Pier Avenue, which led to the Ocean Park Pier, was used in several prominent films in the 1940s and early ‘50s. Most of the films were gangster films, or "film noir," a term coined by
French film critics. Among the films made there were a pair of crime movies, directed by
Anthony Mann and starring Dennis O'Keefe, "Raw Deal" and "T Men" along with MGM’s "Any Number Can Play" with Clark Gable and Alexis Smith.

I remember watching Shelley Winters kill John Garfield in an alley behind Marine Street in Garfield's last film, "He Ran All The Way." Orson Welles shot scenes from "Touch of Evil" on Ocean Avenue.

My conversation with Chief Cooke turned to movies and a prominent film that was being hailed as a masterpiece, "L.A. Confidential," and the late Mickey Cohen.



Assessing Cohen

"He was a tough little monkey," Cooke recalled. "He practically ripped my shirt off when I
arrested him." 

We both agreed that Cohen was hardly the big shot portrayed in “L.A. Confidential."

"He was never into drugs," Cooke said. "He was a bookie and a gambler, but he
never sold drugs."

My father, who died in 1964 told me that the mob, or Crime Syndicate, that controlled gambling, prostitution and the drug trade on the East Coast was kept at bay from Los Angeles by the LAPD’s infamous "Hat Squad."

An Unwelcome Greeting

On several occasions, Don Corleone-types were met at the airport by Squad members and told that they were not welcome here.

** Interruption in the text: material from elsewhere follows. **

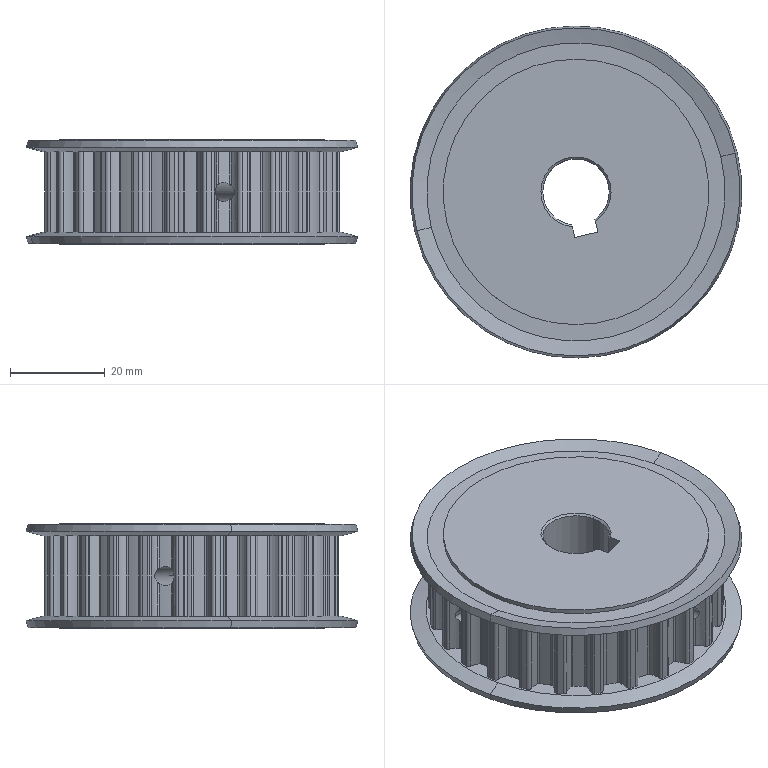Component | SolidWorks | CarrierZDG0406-A03-B02-X1-1 | 1 solid | 267 faces | volume 58914 mm3 | cylinder 240 | cone 18 | plane 9 | commonest cylinder face diameters 1.5 x61 0.8 x61 10.6 x53 56.63 x27 62.29 x25 56 x4 4.134 x4 14 x3 | material 45#
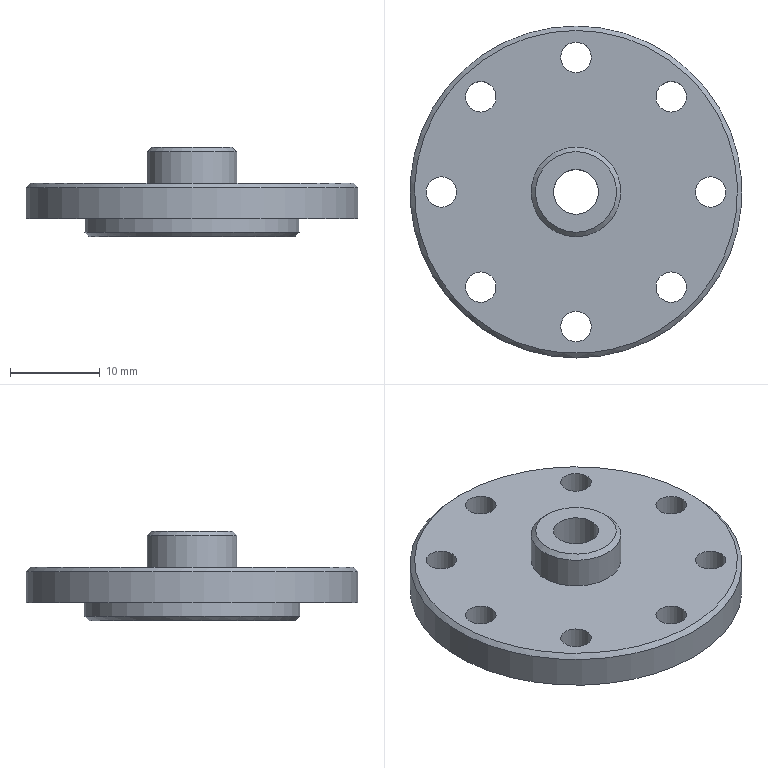Component | NX | CYLINDER_HEAD | 1 solid | 19 faces | volume 5005 mm3 | cylinder 12 | plane 4 | cone 3 | commonest cylinder face diameters 3.4 x8 24 x1 37 x1 10 x1 5 x1

In the early 1950s an attempt was made to legalize gambling in Santa Monica and Culver
City. But the citizenry turned back that attempt and the Syndicate then turned its
attention to Las Vegas.

My father told me that the real boss of the local gambling syndicate was a soft-spoken
businessman who owned one of the most popular restaurants in Southern California
and dabbled in real estate.

When the Kefauver Committee began its investigation of
gambling in Los Angeles, the boys in the back room made themselves scarce and told
Loudmouthed Mickey, who acted like a movie gangster, that he could "be the boss."
Mickey Cohen went to jail while the real gambling interests quietly disappeared into the
woodwork.

Meanwhile, the gentleman my father told me about, quietly sold his interest in the restaurants he owned and retired to Palm Springs in 1980.